Florian Lucchini

Personal information
- Full name: Florian Pier Francis Lucchini
- Date of birth: 13 February 1981 (age 45)
- Place of birth: Perpignan, France
- Height: 1.84 m (6 ft 0 in)
- Position: Goalkeeper

Youth career
- 1998–2000: Stade Rennais

Senior career*
- Years: Team / Apps / (Gls)
- 2001–2002: GFCO Ajaccio / ? / (?)
- 2002–2006: AC Ajaccio / 5 / (0)
- 2006–2007: AEP Paphos / 7 / (0)
- 2007: Ionikos FC / 11 / (0)
- 2008–2009: Vihren / 25 / (0)
- 2009–2010: AEP Paphos / 17 / (0)
- 2010–2012: Lokomotiv Plovdiv / 35 / (0)
- 2012–2013: Panserraikos / 8 / (0)

= Florian Lucchini =

French retired footballer (born 1981)

Florian Lucchini (born 13 February 1981 in Perpignan) is a French retired footballer who played as a goalkeeper.

==Career==
Lucchini started his career in Stade Rennais youth academy before joining Corsican sides GFCO Ajaccio and AC Ajaccio.
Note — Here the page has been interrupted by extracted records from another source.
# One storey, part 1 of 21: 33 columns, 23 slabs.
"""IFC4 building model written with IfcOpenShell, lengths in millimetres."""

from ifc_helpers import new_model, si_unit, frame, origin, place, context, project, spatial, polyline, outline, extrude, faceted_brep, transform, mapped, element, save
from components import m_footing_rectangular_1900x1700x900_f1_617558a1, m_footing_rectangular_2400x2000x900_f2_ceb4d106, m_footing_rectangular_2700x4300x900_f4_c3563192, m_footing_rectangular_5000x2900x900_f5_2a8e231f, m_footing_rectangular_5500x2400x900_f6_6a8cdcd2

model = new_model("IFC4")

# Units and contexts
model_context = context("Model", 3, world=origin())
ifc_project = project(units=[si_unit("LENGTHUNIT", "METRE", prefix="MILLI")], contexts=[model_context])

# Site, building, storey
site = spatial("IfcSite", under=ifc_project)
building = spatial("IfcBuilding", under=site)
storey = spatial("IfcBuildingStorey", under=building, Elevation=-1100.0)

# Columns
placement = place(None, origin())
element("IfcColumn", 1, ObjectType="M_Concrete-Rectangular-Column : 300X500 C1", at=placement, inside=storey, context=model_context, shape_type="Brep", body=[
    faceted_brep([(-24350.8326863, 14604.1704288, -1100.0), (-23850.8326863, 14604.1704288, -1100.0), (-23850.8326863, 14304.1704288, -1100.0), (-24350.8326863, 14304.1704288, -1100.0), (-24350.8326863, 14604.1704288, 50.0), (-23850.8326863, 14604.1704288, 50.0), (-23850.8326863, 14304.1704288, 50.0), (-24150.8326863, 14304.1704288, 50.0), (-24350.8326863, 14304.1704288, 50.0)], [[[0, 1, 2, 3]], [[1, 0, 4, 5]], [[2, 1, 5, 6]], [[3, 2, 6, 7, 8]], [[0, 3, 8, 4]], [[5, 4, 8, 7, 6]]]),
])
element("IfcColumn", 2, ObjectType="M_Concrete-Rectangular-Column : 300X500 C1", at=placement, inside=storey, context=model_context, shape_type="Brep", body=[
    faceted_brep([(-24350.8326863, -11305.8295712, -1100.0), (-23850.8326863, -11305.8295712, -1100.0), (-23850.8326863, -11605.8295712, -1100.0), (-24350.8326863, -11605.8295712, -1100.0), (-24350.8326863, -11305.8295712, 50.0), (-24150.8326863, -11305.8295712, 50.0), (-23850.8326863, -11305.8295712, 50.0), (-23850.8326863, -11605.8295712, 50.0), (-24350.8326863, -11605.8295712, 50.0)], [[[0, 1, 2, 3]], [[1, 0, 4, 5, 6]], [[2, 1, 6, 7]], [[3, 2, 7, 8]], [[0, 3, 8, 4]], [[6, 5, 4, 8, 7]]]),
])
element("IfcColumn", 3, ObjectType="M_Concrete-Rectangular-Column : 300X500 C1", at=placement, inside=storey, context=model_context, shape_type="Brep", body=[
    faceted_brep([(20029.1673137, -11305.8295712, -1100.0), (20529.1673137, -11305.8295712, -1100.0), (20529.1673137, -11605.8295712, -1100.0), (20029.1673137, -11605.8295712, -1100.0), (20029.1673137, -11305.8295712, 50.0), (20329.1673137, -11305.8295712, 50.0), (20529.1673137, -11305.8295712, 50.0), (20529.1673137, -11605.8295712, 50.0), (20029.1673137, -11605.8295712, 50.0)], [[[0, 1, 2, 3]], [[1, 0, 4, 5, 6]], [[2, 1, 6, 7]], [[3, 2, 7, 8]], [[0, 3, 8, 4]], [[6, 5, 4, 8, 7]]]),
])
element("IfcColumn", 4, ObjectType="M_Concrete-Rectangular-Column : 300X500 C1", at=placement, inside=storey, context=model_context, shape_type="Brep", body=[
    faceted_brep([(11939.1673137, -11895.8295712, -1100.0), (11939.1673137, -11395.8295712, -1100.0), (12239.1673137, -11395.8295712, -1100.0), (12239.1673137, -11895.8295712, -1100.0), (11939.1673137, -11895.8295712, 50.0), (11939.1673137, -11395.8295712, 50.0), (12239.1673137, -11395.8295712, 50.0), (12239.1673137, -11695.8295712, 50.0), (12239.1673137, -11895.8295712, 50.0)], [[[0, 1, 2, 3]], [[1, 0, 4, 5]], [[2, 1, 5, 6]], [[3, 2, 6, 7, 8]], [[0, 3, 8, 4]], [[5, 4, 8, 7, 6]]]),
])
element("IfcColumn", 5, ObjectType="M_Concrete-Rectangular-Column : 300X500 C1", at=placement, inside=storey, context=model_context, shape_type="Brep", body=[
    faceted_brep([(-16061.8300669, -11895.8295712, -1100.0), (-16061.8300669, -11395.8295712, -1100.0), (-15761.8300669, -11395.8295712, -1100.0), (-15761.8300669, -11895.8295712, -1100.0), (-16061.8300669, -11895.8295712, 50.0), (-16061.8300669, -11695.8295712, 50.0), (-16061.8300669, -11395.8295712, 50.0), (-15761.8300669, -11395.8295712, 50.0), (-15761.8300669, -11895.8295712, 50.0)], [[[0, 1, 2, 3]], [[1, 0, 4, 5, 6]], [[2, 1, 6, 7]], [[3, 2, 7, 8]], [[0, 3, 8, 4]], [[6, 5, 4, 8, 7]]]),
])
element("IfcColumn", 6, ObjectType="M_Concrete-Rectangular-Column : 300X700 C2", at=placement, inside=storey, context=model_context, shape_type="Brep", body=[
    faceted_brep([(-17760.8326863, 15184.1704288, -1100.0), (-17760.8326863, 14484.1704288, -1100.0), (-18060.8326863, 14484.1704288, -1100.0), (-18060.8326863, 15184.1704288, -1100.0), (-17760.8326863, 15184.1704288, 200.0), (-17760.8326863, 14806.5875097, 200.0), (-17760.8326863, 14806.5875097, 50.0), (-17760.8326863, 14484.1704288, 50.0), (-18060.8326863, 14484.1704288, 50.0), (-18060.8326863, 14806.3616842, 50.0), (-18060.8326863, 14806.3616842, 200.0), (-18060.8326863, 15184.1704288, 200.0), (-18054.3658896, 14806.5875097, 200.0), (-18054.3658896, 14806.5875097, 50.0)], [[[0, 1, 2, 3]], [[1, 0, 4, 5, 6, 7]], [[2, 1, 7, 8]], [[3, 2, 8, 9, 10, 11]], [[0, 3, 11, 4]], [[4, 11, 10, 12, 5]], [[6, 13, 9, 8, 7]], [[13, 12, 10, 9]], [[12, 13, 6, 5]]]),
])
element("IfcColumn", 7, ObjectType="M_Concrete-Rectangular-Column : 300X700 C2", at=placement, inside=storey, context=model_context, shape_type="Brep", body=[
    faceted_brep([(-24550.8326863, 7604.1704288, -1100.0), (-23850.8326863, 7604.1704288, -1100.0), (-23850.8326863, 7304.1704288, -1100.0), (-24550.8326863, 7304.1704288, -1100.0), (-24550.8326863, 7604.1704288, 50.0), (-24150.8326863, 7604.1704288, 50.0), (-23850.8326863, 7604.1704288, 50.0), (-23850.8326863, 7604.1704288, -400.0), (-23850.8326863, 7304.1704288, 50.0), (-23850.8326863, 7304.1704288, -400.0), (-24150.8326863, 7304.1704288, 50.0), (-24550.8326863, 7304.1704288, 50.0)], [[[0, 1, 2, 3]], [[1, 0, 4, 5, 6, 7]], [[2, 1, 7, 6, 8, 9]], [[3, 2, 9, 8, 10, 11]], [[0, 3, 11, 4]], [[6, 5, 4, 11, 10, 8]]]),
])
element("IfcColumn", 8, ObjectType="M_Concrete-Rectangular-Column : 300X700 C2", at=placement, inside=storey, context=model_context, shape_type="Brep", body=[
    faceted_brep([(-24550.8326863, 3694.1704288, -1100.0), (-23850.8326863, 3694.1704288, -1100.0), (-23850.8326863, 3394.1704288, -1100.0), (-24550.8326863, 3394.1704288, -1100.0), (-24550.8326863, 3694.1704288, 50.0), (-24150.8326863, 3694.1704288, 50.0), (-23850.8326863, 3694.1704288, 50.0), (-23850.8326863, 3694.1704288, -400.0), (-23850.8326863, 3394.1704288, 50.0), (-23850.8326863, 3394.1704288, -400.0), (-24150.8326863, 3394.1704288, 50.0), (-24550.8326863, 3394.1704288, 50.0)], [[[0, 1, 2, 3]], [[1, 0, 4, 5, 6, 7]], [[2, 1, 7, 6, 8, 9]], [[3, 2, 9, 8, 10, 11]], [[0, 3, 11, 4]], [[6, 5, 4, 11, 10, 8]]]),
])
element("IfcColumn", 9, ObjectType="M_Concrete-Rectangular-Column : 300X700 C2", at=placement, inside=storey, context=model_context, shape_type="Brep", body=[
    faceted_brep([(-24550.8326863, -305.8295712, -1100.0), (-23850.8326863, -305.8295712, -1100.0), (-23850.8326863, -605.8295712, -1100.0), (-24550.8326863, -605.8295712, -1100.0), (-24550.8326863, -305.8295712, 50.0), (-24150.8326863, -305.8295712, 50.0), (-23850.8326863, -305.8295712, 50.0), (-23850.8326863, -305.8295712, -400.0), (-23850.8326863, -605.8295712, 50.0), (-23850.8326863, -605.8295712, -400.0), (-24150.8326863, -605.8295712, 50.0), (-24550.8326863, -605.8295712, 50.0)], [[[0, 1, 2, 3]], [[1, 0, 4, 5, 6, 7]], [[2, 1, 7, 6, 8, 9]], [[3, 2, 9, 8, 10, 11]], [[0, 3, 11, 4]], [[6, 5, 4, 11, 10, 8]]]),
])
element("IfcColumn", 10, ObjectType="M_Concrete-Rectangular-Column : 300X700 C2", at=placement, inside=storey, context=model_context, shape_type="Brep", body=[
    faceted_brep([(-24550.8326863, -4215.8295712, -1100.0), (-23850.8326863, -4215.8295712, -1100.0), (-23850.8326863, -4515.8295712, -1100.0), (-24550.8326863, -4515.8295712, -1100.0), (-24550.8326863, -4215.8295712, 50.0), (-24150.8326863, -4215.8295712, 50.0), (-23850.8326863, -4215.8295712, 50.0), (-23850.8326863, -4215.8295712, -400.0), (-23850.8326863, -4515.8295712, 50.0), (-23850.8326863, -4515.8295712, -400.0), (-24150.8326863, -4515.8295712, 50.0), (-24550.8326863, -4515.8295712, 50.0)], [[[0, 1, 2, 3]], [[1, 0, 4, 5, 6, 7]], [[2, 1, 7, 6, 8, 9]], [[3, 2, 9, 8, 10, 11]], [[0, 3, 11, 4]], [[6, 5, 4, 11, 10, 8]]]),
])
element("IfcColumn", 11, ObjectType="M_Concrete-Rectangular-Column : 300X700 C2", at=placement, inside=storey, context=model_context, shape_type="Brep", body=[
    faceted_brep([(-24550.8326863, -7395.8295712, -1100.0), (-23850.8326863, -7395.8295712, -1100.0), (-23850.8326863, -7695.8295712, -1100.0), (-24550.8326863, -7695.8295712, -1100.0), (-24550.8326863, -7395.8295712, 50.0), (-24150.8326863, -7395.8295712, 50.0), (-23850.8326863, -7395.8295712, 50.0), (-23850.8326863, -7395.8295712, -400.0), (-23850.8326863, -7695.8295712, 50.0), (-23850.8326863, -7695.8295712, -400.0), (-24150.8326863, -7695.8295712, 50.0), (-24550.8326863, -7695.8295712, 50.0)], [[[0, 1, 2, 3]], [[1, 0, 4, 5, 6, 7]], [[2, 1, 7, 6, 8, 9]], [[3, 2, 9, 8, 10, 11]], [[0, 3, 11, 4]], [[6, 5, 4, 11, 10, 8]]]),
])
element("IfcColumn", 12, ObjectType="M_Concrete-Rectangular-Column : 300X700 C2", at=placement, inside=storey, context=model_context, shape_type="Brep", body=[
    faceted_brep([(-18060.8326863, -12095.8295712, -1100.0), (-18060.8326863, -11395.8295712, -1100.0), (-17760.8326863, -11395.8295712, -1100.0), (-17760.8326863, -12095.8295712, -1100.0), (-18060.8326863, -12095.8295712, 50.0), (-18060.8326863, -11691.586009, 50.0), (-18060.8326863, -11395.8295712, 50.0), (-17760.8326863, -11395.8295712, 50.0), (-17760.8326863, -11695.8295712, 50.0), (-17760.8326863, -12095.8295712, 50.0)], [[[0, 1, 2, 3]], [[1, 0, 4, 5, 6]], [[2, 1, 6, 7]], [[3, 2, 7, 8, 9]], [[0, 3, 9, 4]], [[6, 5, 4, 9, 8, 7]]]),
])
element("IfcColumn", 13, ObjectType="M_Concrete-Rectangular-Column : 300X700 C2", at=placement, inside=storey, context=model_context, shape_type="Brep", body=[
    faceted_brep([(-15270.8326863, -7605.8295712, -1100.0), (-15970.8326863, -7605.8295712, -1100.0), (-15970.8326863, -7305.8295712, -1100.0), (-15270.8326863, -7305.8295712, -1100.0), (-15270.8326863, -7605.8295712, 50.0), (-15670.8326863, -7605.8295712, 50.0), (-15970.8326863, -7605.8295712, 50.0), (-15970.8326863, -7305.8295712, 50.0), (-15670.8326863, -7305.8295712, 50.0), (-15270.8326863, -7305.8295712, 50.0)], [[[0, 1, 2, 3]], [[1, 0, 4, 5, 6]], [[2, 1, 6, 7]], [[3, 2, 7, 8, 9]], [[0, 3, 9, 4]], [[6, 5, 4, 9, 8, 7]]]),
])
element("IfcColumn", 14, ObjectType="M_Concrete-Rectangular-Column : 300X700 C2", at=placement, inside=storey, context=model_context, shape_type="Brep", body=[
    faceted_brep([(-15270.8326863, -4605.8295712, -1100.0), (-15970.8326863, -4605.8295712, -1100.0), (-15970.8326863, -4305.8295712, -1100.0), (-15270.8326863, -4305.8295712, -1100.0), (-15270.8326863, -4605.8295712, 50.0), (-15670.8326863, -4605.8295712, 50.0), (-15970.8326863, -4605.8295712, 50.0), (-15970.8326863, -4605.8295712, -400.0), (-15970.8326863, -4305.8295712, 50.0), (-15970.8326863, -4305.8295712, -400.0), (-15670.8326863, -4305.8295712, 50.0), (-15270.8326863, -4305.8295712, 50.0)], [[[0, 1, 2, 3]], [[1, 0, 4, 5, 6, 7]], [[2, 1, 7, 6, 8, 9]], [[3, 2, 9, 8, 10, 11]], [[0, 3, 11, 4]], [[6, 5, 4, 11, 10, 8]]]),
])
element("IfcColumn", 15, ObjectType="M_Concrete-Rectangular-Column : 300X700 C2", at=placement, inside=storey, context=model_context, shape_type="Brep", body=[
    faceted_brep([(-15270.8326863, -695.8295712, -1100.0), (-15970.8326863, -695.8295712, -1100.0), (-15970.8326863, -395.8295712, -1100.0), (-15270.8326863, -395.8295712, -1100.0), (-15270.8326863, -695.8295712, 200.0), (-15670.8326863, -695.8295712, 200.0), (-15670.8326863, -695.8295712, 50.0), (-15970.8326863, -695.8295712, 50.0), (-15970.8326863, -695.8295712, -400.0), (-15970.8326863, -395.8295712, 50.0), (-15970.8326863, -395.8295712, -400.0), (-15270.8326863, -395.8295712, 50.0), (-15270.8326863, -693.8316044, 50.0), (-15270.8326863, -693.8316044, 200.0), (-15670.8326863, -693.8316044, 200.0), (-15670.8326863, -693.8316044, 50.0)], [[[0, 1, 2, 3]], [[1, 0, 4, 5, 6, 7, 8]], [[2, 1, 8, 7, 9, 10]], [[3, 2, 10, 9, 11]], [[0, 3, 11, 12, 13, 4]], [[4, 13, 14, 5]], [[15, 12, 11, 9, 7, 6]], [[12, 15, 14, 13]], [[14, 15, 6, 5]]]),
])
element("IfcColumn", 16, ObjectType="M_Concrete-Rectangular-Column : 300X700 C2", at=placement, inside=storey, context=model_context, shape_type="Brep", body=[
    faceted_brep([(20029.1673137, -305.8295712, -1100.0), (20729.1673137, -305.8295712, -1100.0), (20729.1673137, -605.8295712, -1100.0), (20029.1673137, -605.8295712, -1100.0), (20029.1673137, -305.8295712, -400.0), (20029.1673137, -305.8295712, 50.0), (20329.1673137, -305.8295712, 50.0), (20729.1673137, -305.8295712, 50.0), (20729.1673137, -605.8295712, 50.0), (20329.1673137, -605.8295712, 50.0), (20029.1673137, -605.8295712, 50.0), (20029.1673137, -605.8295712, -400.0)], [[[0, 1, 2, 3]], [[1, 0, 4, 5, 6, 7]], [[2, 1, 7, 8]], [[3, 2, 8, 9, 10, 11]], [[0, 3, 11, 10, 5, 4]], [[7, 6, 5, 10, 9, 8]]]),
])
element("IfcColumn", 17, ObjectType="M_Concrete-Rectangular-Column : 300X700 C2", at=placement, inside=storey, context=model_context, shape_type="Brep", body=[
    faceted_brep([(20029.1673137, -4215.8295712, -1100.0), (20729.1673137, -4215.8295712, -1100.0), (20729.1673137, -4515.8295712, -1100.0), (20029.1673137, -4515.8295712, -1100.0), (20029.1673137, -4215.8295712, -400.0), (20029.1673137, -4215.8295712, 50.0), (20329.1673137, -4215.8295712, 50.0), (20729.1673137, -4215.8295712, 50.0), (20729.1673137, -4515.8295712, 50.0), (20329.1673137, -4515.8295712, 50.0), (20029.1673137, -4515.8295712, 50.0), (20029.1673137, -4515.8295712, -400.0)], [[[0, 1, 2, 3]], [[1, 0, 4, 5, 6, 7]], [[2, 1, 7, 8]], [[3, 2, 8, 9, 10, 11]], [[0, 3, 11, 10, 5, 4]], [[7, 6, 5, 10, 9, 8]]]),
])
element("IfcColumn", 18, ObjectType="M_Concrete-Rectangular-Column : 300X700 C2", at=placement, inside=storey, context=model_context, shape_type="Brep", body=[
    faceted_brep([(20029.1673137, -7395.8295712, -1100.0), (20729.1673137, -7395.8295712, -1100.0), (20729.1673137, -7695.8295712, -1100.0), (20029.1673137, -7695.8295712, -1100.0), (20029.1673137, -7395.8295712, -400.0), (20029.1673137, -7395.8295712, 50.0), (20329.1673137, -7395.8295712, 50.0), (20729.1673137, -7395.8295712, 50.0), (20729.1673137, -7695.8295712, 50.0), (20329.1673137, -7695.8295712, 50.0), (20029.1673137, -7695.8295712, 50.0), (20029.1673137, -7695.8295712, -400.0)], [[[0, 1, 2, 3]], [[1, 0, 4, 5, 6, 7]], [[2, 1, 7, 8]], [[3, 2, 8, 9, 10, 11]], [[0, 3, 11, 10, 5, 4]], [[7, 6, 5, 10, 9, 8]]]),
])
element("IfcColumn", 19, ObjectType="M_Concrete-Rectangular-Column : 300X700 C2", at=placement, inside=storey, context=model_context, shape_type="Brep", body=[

In 2007, he played for six months in Ionikos FC and signed with Vihren for a free transfer in July 2008.

===Vihren===
Lucchini made his official debut for Vihren in a match against Levski Sofia on 9 August 2008. He played for 90 minutes. The match ended in a 1:0 win for Vihren. He made a phenomenal contribution to Vihren in the Bulgarian first division game against Levski and Sandanski fans named him The crazy Corsican. The Bulgarian variation of this name is Лудият корсиканец. In the 58th minute Lucchini saved a penalty kick.